CPEC & Xinjiang Top Cornerstones of BRI By M. Zamir Assadi

CPEC & Xinjiang Top Cornerstones of BRI By M. Zamir Assadi

CHINESE President Xi Jinping, also General Secretary of the Communist Party of China (CPC) Central Committee and chairman of the Central Military Commission, recently inspected the Xinjiang Uygur Autonomous Region in north-western China and visited officials and the general public of different ethnic groups.

Xi stressed that with the country opening wider to the world, the western region being further developed, and the Belt and Road Initiative being materialized, Xinjiang has changed from a relatively closed inland region to a frontier of opening up.

The region should develop the core area of the Silk Road Economic Belt, incorporate its regional opening-up strategy into the overall layout of the country’s westward opening up, innovate the system for an open economy, speed up the construction of major opening-up corridors, so that it can make better use of international and domestic markets and resources and actively serve and integrate itself into the country’s new pattern of development.

BRI is a transcontinental long-term policy and investment program which aims at infrastructure development and acceleration of the economic integration of countries along the route of the historic Silk Road.

The Initiative was unveiled in 2013 by Chinese President Xi Jinping and until 2016, was known as OBOR – One Belt One Road.

On March 28, 2015, the official outline for the Belt and Road Initiative was issued by the National Development and Reform Commission (NDRC), Ministry of Foreign Affairs (MOFA) and the Ministry of Commerce (MOFCOM) of the People’s Republic of China (PRC), with authorization of the State Council.

According to the official outline, BRI aims to “promote the connectivity of Asian, European and African continents and their adjacent seas, establish and strengthen partnerships among the countries along the Belt and Road, set up all-dimensional, multi-tiered and composite connectivity networks, and realize diversified, independent, balanced and sustainable development in these countries.”

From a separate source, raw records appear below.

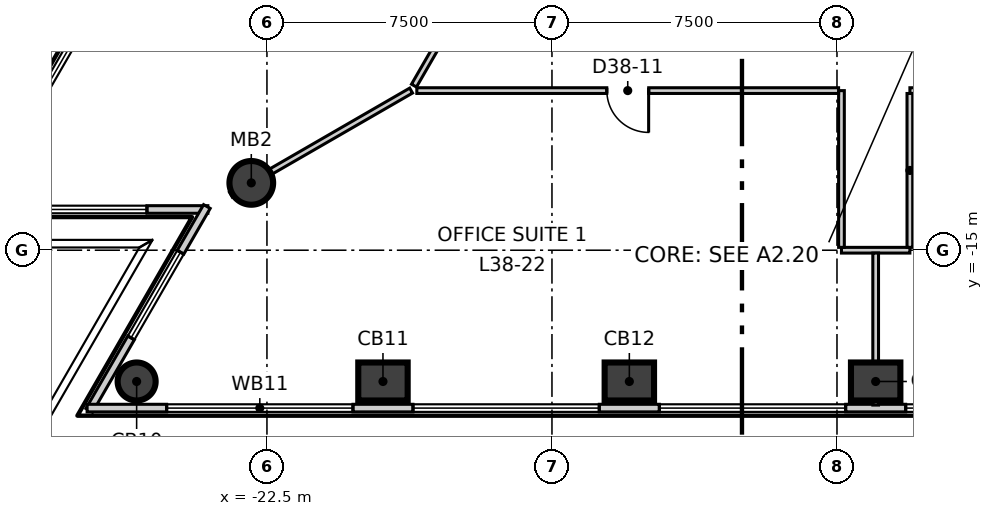
"""IFC4 building model, lengths in metres.
Left out: names, types, materials, properties, quantities, classifications, styles, units other than length and angle.
Written with IfcOpenShell. Run it as: python <this file> out.ifc"""

import sys

from ifc_helpers import new_model, si_unit, direction, frame, frame_2d, origin, origin_2d, place, context, subcontext, project, spatial, rectangle, circle, extrude, element, fill, save


model = new_model("IFC4")
c1 = context("Model", 3, precision=1e-05, world=origin(), true_north=direction((0.0, 1.0)))
c2 = subcontext(c1, "Body", "Model", "MODEL_VIEW")
j1 = project(units=[si_unit("LENGTHUNIT", "METRE"), si_unit("PLANEANGLEUNIT", "RADIAN")], contexts=[c1])
p1 = place(None, origin())
s1 = spatial("IfcSite", under=j1, at=p1, CompositionType="ELEMENT")
p2 = place(p1, origin())
s2 = spatial("IfcBuilding", under=s1, at=p2, CompositionType="ELEMENT")
p3 = place(p2, frame((0.0, 0.0, 164.3)))
s3 = spatial("IfcBuildingStorey", under=s2, at=p3, CompositionType="ELEMENT", Elevation=164.3)
p4 = place(p3, frame((-25.929, -18.454, -0.3), z_axis=(0.0, 0.0, 1.0), x_axis=(1.0, 0.0, 0.0)))
e1 = element("IfcColumn", 1, at=p4, inside=s3, PredefinedType="COLUMN", context=c2, shape_type="SweptSolid", body=[
    extrude(circle(Radius=0.5, at=origin_2d()), origin(), (0.0, 0.0, 1.0), 4.0),
])
for number, where, z_axis, x_axis in (
    (2, (-19.447, -18.454, -0.3), (0.0, 0.0, 1.0), (1.0, 0.0, 0.0)),
    (3, (-12.964, -18.454, -0.3), (0.0, 0.0, 1.0), (1.0, 0.0, 0.0)),
    (4, (-6.482, -18.454, -0.3), (0.0, 0.0, 1.0), (1.0, 0.0, 0.0)),
):
    element("IfcColumn", number, at=place(p3, frame(where, z_axis=z_axis, x_axis=x_axis)), inside=s3, PredefinedType="COLUMN", context=c2, shape_type="SweptSolid", body=[
        extrude(rectangle(XDim=1.3, YDim=1.0, at=origin_2d()), origin(), (0.0, 0.0, 1.0), 4.0),
    ])
p5 = place(p3, frame((-22.912, -13.228, -0.3), z_axis=(0.0, 0.0, 1.0), x_axis=(1.0, 0.0, 0.0)))
e5 = element("IfcColumn", 5, at=p5, inside=s3, PredefinedType="COLUMN", context=c2, shape_type="SweptSolid", body=[
    extrude(circle(Radius=0.575, at=origin_2d()), origin(), (0.0, 0.0, 1.0), 4.0),
])
p6 = place(p3, frame((-2.972, 33.16, 0.0), z_axis=(0.0, 0.0, 1.0), x_axis=(-0.500009959561, -0.866019653553, 0.0)))
e6 = element("IfcWall", 6, at=p6, inside=s3, PredefinedType="ELEMENTEDWALL", context=c2, shape_type="SweptSolid", body=[
    extrude(rectangle(XDim=54.443, YDim=0.2, at=frame_2d((27.222, 0.0))), origin(), (0.0, 0.0, 1.0), 3.7),
])
p7 = place(p6, frame((2.094, 0.0, 0.9)))
e7 = element("IfcOpeningElement", 7, at=p7, cuts=e6, PredefinedType="OPENING", context=c2, shape_type="SweptSolid", body=[
    extrude(rectangle(XDim=4.9, YDim=2.5, at=frame_2d((2.45, 1.25))), frame((0.0, 0.11, 0.0), z_axis=(0.0, -1.0, 0.0), x_axis=(1.0, 0.0, 0.0)), (0.0, 0.0, 1.0), 0.22),
])
p8 = place(p6, frame((8.576, 0.0, 0.9)))
e8 = element("IfcOpeningElement", 8, at=p8, cuts=e6, PredefinedType="OPENING", context=c2, shape_type="SweptSolid", body=[
    extrude(rectangle(XDim=4.9, YDim=2.5, at=frame_2d((2.45, 1.25))), frame((0.0, 0.11, 0.0), z_axis=(0.0, -1.0, 0.0), x_axis=(1.0, 0.0, 0.0)), (0.0, 0.0, 1.0), 0.22),
])
p9 = place(p6, frame((15.058, 0.0, 0.9)))
e9 = element("IfcOpeningElement", 9, at=p9, cuts=e6, PredefinedType="OPENING", context=c2, shape_type="SweptSolid", body=[
    extrude(rectangle(XDim=4.9, YDim=2.5, at=frame_2d((2.45, 1.25))), frame((0.0, 0.11, 0.0), z_axis=(0.0, -1.0, 0.0), x_axis=(1.0, 0.0, 0.0)), (0.0, 0.0, 1.0), 0.22),
])
p10 = place(p6, frame((21.54, 0.0, 0.9)))
e10 = element("IfcOpeningElement", 10, at=p10, cuts=e6, PredefinedType="OPENING", context=c2, shape_type="SweptSolid", body=[
    extrude(rectangle(XDim=4.9, YDim=2.5, at=frame_2d((2.45, 1.25))), frame((0.0, 0.11, 0.0), z_axis=(0.0, -1.0, 0.0), x_axis=(1.0, 0.0, 0.0)), (0.0, 0.0, 1.0), 0.22),
])
p11 = place(p6, frame((28.022, 0.0, 0.9)))
e11 = element("IfcOpeningElement", 11, at=p11, cuts=e6, PredefinedType="OPENING", context=c2, shape_type="SweptSolid", body=[
    extrude(rectangle(XDim=4.9, YDim=2.5, at=frame_2d((2.45, 1.25))), frame((0.0, 0.11, 0.0), z_axis=(0.0, -1.0, 0.0), x_axis=(1.0, 0.0, 0.0)), (0.0, 0.0, 1.0), 0.22),
])
p12 = place(p6, frame((34.505, 0.0, 0.9)))
e12 = element("IfcOpeningElement", 12, at=p12, cuts=e6, PredefinedType="OPENING", context=c2, shape_type="SweptSolid", body=[
    extrude(rectangle(XDim=4.9, YDim=2.5, at=frame_2d((2.45, 1.25))), frame((0.0, 0.11, 0.0), z_axis=(0.0, -1.0, 0.0), x_axis=(1.0, 0.0, 0.0)), (0.0, 0.0, 1.0), 0.22),
])
p13 = place(p6, frame((40.987, 0.0, 0.9)))
e13 = element("IfcOpeningElement", 13, at=p13, cuts=e6, PredefinedType="OPENING", context=c2, shape_type="SweptSolid", body=[
    extrude(rectangle(XDim=4.9, YDim=2.5, at=frame_2d((2.45, 1.25))), frame((0.0, 0.11, 0.0), z_axis=(0.0, -1.0, 0.0), x_axis=(1.0, 0.0, 0.0)), (0.0, 0.0, 1.0), 0.22),
])
p14 = place(p6, frame((47.469, 0.0, 0.9)))
e14 = element("IfcOpeningElement", 14, at=p14, cuts=e6, PredefinedType="OPENING", context=c2, shape_type="SweptSolid", body=[
    extrude(rectangle(XDim=4.9, YDim=2.5, at=frame_2d((2.45, 1.25))), frame((0.0, 0.11, 0.0), z_axis=(0.0, -1.0, 0.0), x_axis=(1.0, 0.0, 0.0)), (0.0, 0.0, 1.0), 0.22),
])
p15 = place(p3, frame((-30.249, -13.928, 0.0), z_axis=(0.0, 0.0, 1.0), x_axis=(1.0, 0.0, 0.0)))
e15 = element("IfcWall", 15, at=p15, inside=s3, PredefinedType="ELEMENTEDWALL", context=c2, shape_type="SweptSolid", body=[
    extrude(rectangle(XDim=6.194, YDim=0.2, at=frame_2d((3.097, 0.0))), origin(), (0.0, 0.0, 1.0), 3.7),
])
p16 = place(p15, frame((1.99, 0.0, 0.9)))
e16 = element("IfcOpeningElement", 16, at=p16, cuts=e15, PredefinedType="OPENING", context=c2, shape_type="SweptSolid", body=[
    extrude(rectangle(XDim=2.6, YDim=2.5, at=frame_2d((1.3, 1.25))), frame((0.0, 0.11, 0.0), z_axis=(0.0, -1.0, 0.0), x_axis=(1.0, 0.0, 0.0)), (0.0, 0.0, 1.0), 0.22),
])
p17 = place(p3, frame((-24.08, -13.85, 0.0), z_axis=(0.0, 0.0, 1.0), x_axis=(-0.499932836684, -0.86606417707, 0.0)))
e17 = element("IfcWall", 17, at=p17, inside=s3, PredefinedType="ELEMENTEDWALL", context=c2, shape_type="SweptSolid", body=[
    extrude(rectangle(XDim=6.195, YDim=0.2, at=frame_2d((3.097, 0.0))), origin(), (0.0, 0.0, 1.0), 3.7),
])
p18 = place(p17, frame((1.39, 0.0, 0.9)))
e18 = element("IfcOpeningElement", 18, at=p18, cuts=e17, PredefinedType="OPENING", context=c2, shape_type="SweptSolid", body=[
    extrude(rectangle(XDim=2.6, YDim=2.5, at=frame_2d((1.3, 1.25))), frame((0.0, 0.11, 0.0), z_axis=(0.0, -1.0, 0.0), x_axis=(1.0, 0.0, 0.0)), (0.0, 0.0, 1.0), 0.22),
])
p19 = place(p3, frame((-27.232, -19.154, 0.0), z_axis=(0.0, 0.0, 1.0), x_axis=(1.0, 0.0, 0.0)))
e19 = element("IfcWall", 19, at=p19, inside=s3, PredefinedType="ELEMENTEDWALL", context=c2, shape_type="SweptSolid", body=[
    extrude(rectangle(XDim=54.444, YDim=0.2, at=frame_2d((27.222, 0.0))), origin(), (0.0, 0.0, 1.0), 3.7),
])
p20 = place(p19, frame((2.094, 0.0, 0.9)))
e20 = element("IfcOpeningElement", 20, at=p20, cuts=e19, PredefinedType="OPENING", context=c2, shape_type="SweptSolid", body=[
    extrude(rectangle(XDim=4.9, YDim=2.5, at=frame_2d((2.45, 1.25))), frame((0.0, 0.11, 0.0), z_axis=(0.0, -1.0, 0.0), x_axis=(1.0, 0.0, 0.0)), (0.0, 0.0, 1.0), 0.22),
])
p21 = place(p19, frame((8.576, 0.0, 0.9)))
e21 = element("IfcOpeningElement", 21, at=p21, cuts=e19, PredefinedType="OPENING", context=c2, shape_type="SweptSolid", body=[
    extrude(rectangle(XDim=4.9, YDim=2.5, at=frame_2d((2.45, 1.25))), frame((0.0, 0.11, 0.0), z_axis=(0.0, -1.0, 0.0), x_axis=(1.0, 0.0, 0.0)), (0.0, 0.0, 1.0), 0.22),
])
p22 = place(p19, frame((15.059, 0.0, 0.9)))
e22 = element("IfcOpeningElement", 22, at=p22, cuts=e19, PredefinedType="OPENING", context=c2, shape_type="SweptSolid", body=[
    extrude(rectangle(XDim=4.9, YDim=2.5, at=frame_2d((2.45, 1.25))), frame((0.0, 0.11, 0.0), z_axis=(0.0, -1.0, 0.0), x_axis=(1.0, 0.0, 0.0)), (0.0, 0.0, 1.0), 0.22),
])
p23 = place(p19, frame((21.541, 0.0, 0.9)))
e23 = element("IfcOpeningElement", 23, at=p23, cuts=e19, PredefinedType="OPENING", context=c2, shape_type="SweptSolid", body=[
    extrude(rectangle(XDim=4.9, YDim=2.5, at=frame_2d((2.45, 1.25))), frame((0.0, 0.11, 0.0), z_axis=(0.0, -1.0, 0.0), x_axis=(1.0, 0.0, 0.0)), (0.0, 0.0, 1.0), 0.22),
])
p24 = place(p19, frame((28.023, 0.0, 0.9)))
e24 = element("IfcOpeningElement", 24, at=p24, cuts=e19, PredefinedType="OPENING", context=c2, shape_type="SweptSolid", body=[
    extrude(rectangle(XDim=4.9, YDim=2.5, at=frame_2d((2.45, 1.25))), frame((0.0, 0.11, 0.0), z_axis=(0.0, -1.0, 0.0), x_axis=(1.0, 0.0, 0.0)), (0.0, 0.0, 1.0), 0.22),
])
p25 = place(p19, frame((34.505, 0.0, 0.9)))
e25 = element("IfcOpeningElement", 25, at=p25, cuts=e19, PredefinedType="OPENING", context=c2, shape_type="SweptSolid", body=[
    extrude(rectangle(XDim=4.9, YDim=2.5, at=frame_2d((2.45, 1.25))), frame((0.0, 0.11, 0.0), z_axis=(0.0, -1.0, 0.0), x_axis=(1.0, 0.0, 0.0)), (0.0, 0.0, 1.0), 0.22),
])
p26 = place(p19, frame((40.988, 0.0, 0.9)))
e26 = element("IfcOpeningElement", 26, at=p26, cuts=e19, PredefinedType="OPENING", context=c2, shape_type="SweptSolid", body=[
    extrude(rectangle(XDim=4.9, YDim=2.5, at=frame_2d((2.45, 1.25))), frame((0.0, 0.11, 0.0), z_axis=(0.0, -1.0, 0.0), x_axis=(1.0, 0.0, 0.0)), (0.0, 0.0, 1.0), 0.22),
])
p27 = place(p19, frame((47.47, 0.0, 0.9)))
e27 = element("IfcOpeningElement", 27, at=p27, cuts=e19, PredefinedType="OPENING", context=c2, shape_type="SweptSolid", body=[
    extrude(rectangle(XDim=4.9, YDim=2.5, at=frame_2d((2.45, 1.25))), frame((0.0, 0.11, 0.0), z_axis=(0.0, -1.0, 0.0), x_axis=(1.0, 0.0, 0.0)), (0.0, 0.0, 1.0), 0.22),
])
p28 = place(p3, frame((-23.449, -13.538, 0.0), z_axis=(0.0, 0.0, 1.0), x_axis=(0.865971038555, 0.500094151519, 0.0)))
e28 = element("IfcWall", 28, at=p28, inside=s3, PredefinedType="PARTITIONING", context=c2, shape_type="SweptSolid", body=[
    extrude(rectangle(XDim=5.477, YDim=0.15, at=frame_2d((2.739, 0.0))), origin(), (0.0, 0.0, 1.0), 3.2),
])
p29 = place(p3, frame((-7.382, -15.0, 0.0), z_axis=(0.0, 0.0, 1.0), x_axis=(1.0, 0.0, 0.0)))
e29 = element("IfcWall", 29, at=p29, inside=s3, PredefinedType="PARTITIONING", context=c2, shape_type="SweptSolid", body=[
    extrude(rectangle(XDim=1.8, YDim=0.15, at=frame_2d((0.9, 0.0))), origin(), (0.0, 0.0, 1.0), 3.7),
])
p30 = place(p3, frame((-7.382, -14.925, 0.0), z_axis=(0.0, 0.0, 1.0), x_axis=(0.0, 1.0, 0.0)))
e30 = element("IfcWall", 30, at=p30, inside=s3, PredefinedType="PARTITIONING", context=c2, shape_type="SweptSolid", body=[
    extrude(rectangle(XDim=4.124, YDim=0.15, at=frame_2d((2.062, 0.0))), origin(), (0.0, 0.0, 1.0), 3.7),
])
p31 = place(p3, frame((-18.556, -10.8, 0.0), z_axis=(0.0, 0.0, 1.0), x_axis=(1.0, 0.0, 0.0)))
e31 = element("IfcWall", 31, at=p31, inside=s3, PredefinedType="PARTITIONING", context=c2, shape_type="SweptSolid", body=[
    extrude(rectangle(XDim=11.098, YDim=0.15, at=frame_2d((5.549, 0.0))), origin(), (0.0, 0.0, 1.0), 3.7),
])
p32 = place(p31, frame((5.0, 0.0, 0.0)))
e32 = element("IfcOpeningElement", 32, at=p32, cuts=e31, PredefinedType="OPENING", context=c2, shape_type="SweptSolid", body=[
    extrude(rectangle(XDim=1.1, YDim=2.1, at=frame_2d((0.55, 1.05))), frame((0.0, 0.085, 0.0), z_axis=(0.0, -1.0, 0.0), x_axis=(1.0, 0.0, 0.0)), (0.0, 0.0, 1.0), 0.17),
])
p33 = place(p3, frame((-5.581, -10.8, 0.0), z_axis=(0.0, 0.0, 1.0), x_axis=(1.0, 0.0, 0.0)))
e33 = element("IfcWall", 33, at=p33, inside=s3, PredefinedType="PARTITIONING", context=c2, shape_type="SweptSolid", body=[
    extrude(rectangle(XDim=24.287, YDim=0.15, at=frame_2d((12.144, 0.0))), origin(), (0.0, 0.0, 1.0), 3.7),
])
p34 = place(p33, frame((5.549, 0.0, 0.0)))
e34 = element("IfcOpeningElement", 34, at=p34, cuts=e33, PredefinedType="OPENING", context=c2, shape_type="SweptSolid", body=[
    extrude(rectangle(XDim=1.0, YDim=2.1, at=frame_2d((0.5, 1.05))), frame((0.0, 0.085, 0.0), z_axis=(0.0, -1.0, 0.0), x_axis=(1.0, 0.0, 0.0)), (0.0, 0.0, 1.0), 0.17),
])
p35 = place(p33, frame((14.813, 0.0, 0.0)))
e35 = element("IfcOpeningElement", 35, at=p35, cuts=e33, PredefinedType="OPENING", context=c2, shape_type="SweptSolid", body=[
    extrude(rectangle(XDim=1.0, YDim=2.1, at=frame_2d((0.5, 1.05))), frame((0.0, 0.085, 0.0), z_axis=(0.0, -1.0, 0.0), x_axis=(1.0, 0.0, 0.0)), (0.0, 0.0, 1.0), 0.17),
])
p36 = place(p33, frame((20.895, 0.0, 0.0)))
e36 = element("IfcOpeningElement", 36, at=p36, cuts=e33, PredefinedType="OPENING", context=c2, shape_type="SweptSolid", body=[
    extrude(rectangle(XDim=1.1, YDim=2.1, at=frame_2d((0.55, 1.05))), frame((0.0, 0.085, 0.0), z_axis=(0.0, -1.0, 0.0), x_axis=(1.0, 0.0, 0.0)), (0.0, 0.0, 1.0), 0.17),
])
p37 = place(p3, frame((-18.631, -10.669, 0.0), z_axis=(0.0, 0.0, 1.0), x_axis=(0.500000173646, 0.86602530353, 0.0)))
e37 = element("IfcWall", 37, at=p37, inside=s3, PredefinedType="PARTITIONING", context=c2, shape_type="SweptSolid", body=[
    extrude(rectangle(XDim=17.654, YDim=0.15, at=frame_2d((8.827, 0.0))), origin(), (0.0, 0.0, 1.0), 3.7),
])
p38 = place(p37, frame((9.705, 0.0, 0.0)))
e38 = element("IfcOpeningElement", 38, at=p38, cuts=e37, PredefinedType="OPENING", context=c2, shape_type="SweptSolid", body=[
    extrude(rectangle(XDim=1.0, YDim=2.1, at=frame_2d((0.5, 1.05))), frame((0.0, 0.085, 0.0), z_axis=(0.0, -1.0, 0.0), x_axis=(1.0, 0.0, 0.0)), (0.0, 0.0, 1.0), 0.17),
])
p39 = place(p37, frame((2.141, 0.0, 0.0)))
e39 = element("IfcOpeningElement", 39, at=p39, cuts=e37, PredefinedType="OPENING", context=c2, shape_type="SweptSolid", body=[
    extrude(rectangle(XDim=1.1, YDim=2.1, at=frame_2d((0.55, 1.05))), frame((0.0, 0.085, 0.0), z_axis=(0.0, -1.0, 0.0), x_axis=(1.0, 0.0, 0.0)), (0.0, 0.0, 1.0), 0.17),
])
p40 = place(p3, frame((-6.482, -19.074, 0.0), z_axis=(0.0, 0.0, 1.0), x_axis=(0.0, 1.0, 0.0)))
e40 = element("IfcWall", 40, at=p40, inside=s3, PredefinedType="PARTITIONING", context=c2, shape_type="SweptSolid", body=[
    extrude(rectangle(XDim=3.999, YDim=0.15, at=frame_2d((2.0, 0.0))), origin(), (0.0, 0.0, 1.0), 3.7),
])
p41 = place(p3, frame((-5.582, -14.925, 0.0), z_axis=(0.0, 0.0, 1.0), x_axis=(0.0, 1.0, 0.0)))
e41 = element("IfcWall", 41, at=p41, inside=s3, PredefinedType="PARTITIONING", context=c2, shape_type="SweptSolid", body=[
    extrude(rectangle(XDim=4.049, YDim=0.15, at=frame_2d((2.024, 0.0))), origin(), (0.0, 0.0, 1.0), 3.7),
])
p42 = place(p14, origin())
e42 = element("IfcWindow", 42, at=p42, inside=s3, PartitioningType="SINGLE_PANEL", PredefinedType="WINDOW", context=c2, shape_type="SweptSolid", body=[
    extrude(rectangle(XDim=4.9, YDim=2.5, at=frame_2d((2.45, 1.25))), frame((0.0, 0.03, 0.0), z_axis=(0.0, -1.0, 0.0), x_axis=(1.0, 0.0, 0.0)), (0.0, 0.0, 1.0), 0.06),
])
fill(e14, e42)
p43 = place(p16, origin())
e43 = element("IfcWindow", 43, at=p43, inside=s3, PartitioningType="SINGLE_PANEL", PredefinedType="WINDOW", context=c2, shape_type="SweptSolid", body=[
    extrude(rectangle(XDim=2.6, YDim=2.5, at=frame_2d((1.3, 1.25))), frame((0.0, 0.03, 0.0), z_axis=(0.0, -1.0, 0.0), x_axis=(1.0, 0.0, 0.0)), (0.0, 0.0, 1.0), 0.06),
])
fill(e16, e43)
p44 = place(p18, origin())
e44 = element("IfcWindow", 44, at=p44, inside=s3, PartitioningType="SINGLE_PANEL", PredefinedType="WINDOW", context=c2, shape_type="SweptSolid", body=[
    extrude(rectangle(XDim=2.6, YDim=2.5, at=frame_2d((1.3, 1.25))), frame((0.0, 0.03, 0.0), z_axis=(0.0, -1.0, 0.0), x_axis=(1.0, 0.0, 0.0)), (0.0, 0.0, 1.0), 0.06),
])
fill(e18, e44)
p45 = place(p20, origin())
e45 = element("IfcWindow", 45, at=p45, inside=s3, PartitioningType="SINGLE_PANEL", PredefinedType="WINDOW", context=c2, shape_type="SweptSolid", body=[
    extrude(rectangle(XDim=4.9, YDim=2.5, at=frame_2d((2.45, 1.25))), frame((0.0, 0.03, 0.0), z_axis=(0.0, -1.0, 0.0), x_axis=(1.0, 0.0, 0.0)), (0.0, 0.0, 1.0), 0.06),
])
fill(e20, e45)
p46 = place(p21, origin())
e46 = element("IfcWindow", 46, at=p46, inside=s3, PartitioningType="SINGLE_PANEL", PredefinedType="WINDOW", context=c2, shape_type="SweptSolid", body=[
    extrude(rectangle(XDim=4.9, YDim=2.5, at=frame_2d((2.45, 1.25))), frame((0.0, 0.03, 0.0), z_axis=(0.0, -1.0, 0.0), x_axis=(1.0, 0.0, 0.0)), (0.0, 0.0, 1.0), 0.06),
])
fill(e21, e46)
p47 = place(p22, origin())
e47 = element("IfcWindow", 47, at=p47, inside=s3, PartitioningType="SINGLE_PANEL", PredefinedType="WINDOW", context=c2, shape_type="SweptSolid", body=[
    extrude(rectangle(XDim=4.9, YDim=2.5, at=frame_2d((2.45, 1.25))), frame((0.0, 0.03, 0.0), z_axis=(0.0, -1.0, 0.0), x_axis=(1.0, 0.0, 0.0)), (0.0, 0.0, 1.0), 0.06),
])
fill(e22, e47)
p48 = place(p23, origin())
e48 = element("IfcWindow", 48, at=p48, inside=s3, PartitioningType="SINGLE_PANEL", PredefinedType="WINDOW", context=c2, shape_type="SweptSolid", body=[
    extrude(rectangle(XDim=4.9, YDim=2.5, at=frame_2d((2.45, 1.25))), frame((0.0, 0.03, 0.0), z_axis=(0.0, -1.0, 0.0), x_axis=(1.0, 0.0, 0.0)), (0.0, 0.0, 1.0), 0.06),
])
fill(e23, e48)
p49 = place(p32, origin())
e49 = element("IfcDoor", 49, at=p49, inside=s3, OperationType="SINGLE_SWING_RIGHT", PredefinedType="DOOR", context=c2, shape_type="SweptSolid", body=[
    extrude(rectangle(XDim=1.1, YDim=2.1, at=frame_2d((0.55, 1.05))), frame((0.0, 0.025, 0.0), z_axis=(0.0, -1.0, 0.0), x_axis=(1.0, 0.0, 0.0)), (0.0, 0.0, 1.0), 0.05),
])
fill(e32, e49)
save(model, sys.argv[1])

Under the umbrella of the BRI, domestic and foreign financial institutions have been pouring into northwest China’s Xinjiang Uyghur Autonomous Region, looking for opportunities under China’s BRI.

Experts say that there are abundant opportunities in the infrastructure sector, as major investment is planned, and that will attract even more companies into Xinjiang.

Xinjiang is the starting point of the China-Pakistan Economic Corridor (CPEC), which links the region with the Gwadar port in Pakistan. The CPEC is estimated to draw infrastructure investment of $62 billion.

Northwest China’s Xinjiang Uygur Autonomous Region plans to invest 70 billion Yuan (8.4 billion US dollars) on 30 major projects in the next five years.

According to local officials, funds will mainly come from central and regional governments. Most of the 30 projects are expected to be completed before the end of 2005.

The Xinjiang Uygur Autonomous Region will spend 30 billion Yuan on expanding basic industries and infrastructure, mainly in transport, telecommunications, water conservancy, agriculture, energy development and raw material.

It shows the significance of CPEC as Xinjiang, being a starting point of one of the main corridors of BRI, is focusing on infrastructural development.

The infrastructural development in Xinjiang will complement the construction of CPEC that will hugely benefit the goals and aims of the greater version of the economic corridor.

Pakistan, being a very close neighbour of China and bordering with Xinjiang region, has huge potential to get maximum benefits from the infrastructural development of Xinjiang.

Xinjiang is investing on expanding basic industries and infrastructure, mainly in transport, telecommunications, water conservancy, agriculture, energy development and raw material, so Pakistan got the splendid opportunity to take maximum benefits from this development in these specific areas.

The Urumqi International Land Port Area in northwest China’s Xinjiang Uygur Autonomous Region is well on its way to become an important growth pole powering the region’s opening-up and economic development.

By June 2022, the land port area had operated more than 5,900 China-Europe freight train trips via 21 routes linking 26 cities in 19 European and Asian countries and regions. The trains carry over 200 categories of goods, ranging from daily necessities and garments to mechanical equipment and building material.

The Belt and Road Initiative, which initiated a new prospect for China’s opening up, has also provided unprecedented opportunities for Xinjiang which is located at the heart of the ancient Silk Road.

The region posted over 67.4 billion Yuan in foreign trade value in the first five months of this year, up 30.9 percent year on year.

Pakistan through CPEC may expand its trade linkages with Central Asian and European countries through Xinjiang that offers more quick and affordable trade routes in a more peaceful and sustainable way.

Pakistan may evolve more dynamic strategies and explore more options to expand CPEC through Xinjiang for opening up its trade linkages in a greater way that will be beneficial for the domestic economy and trade boom.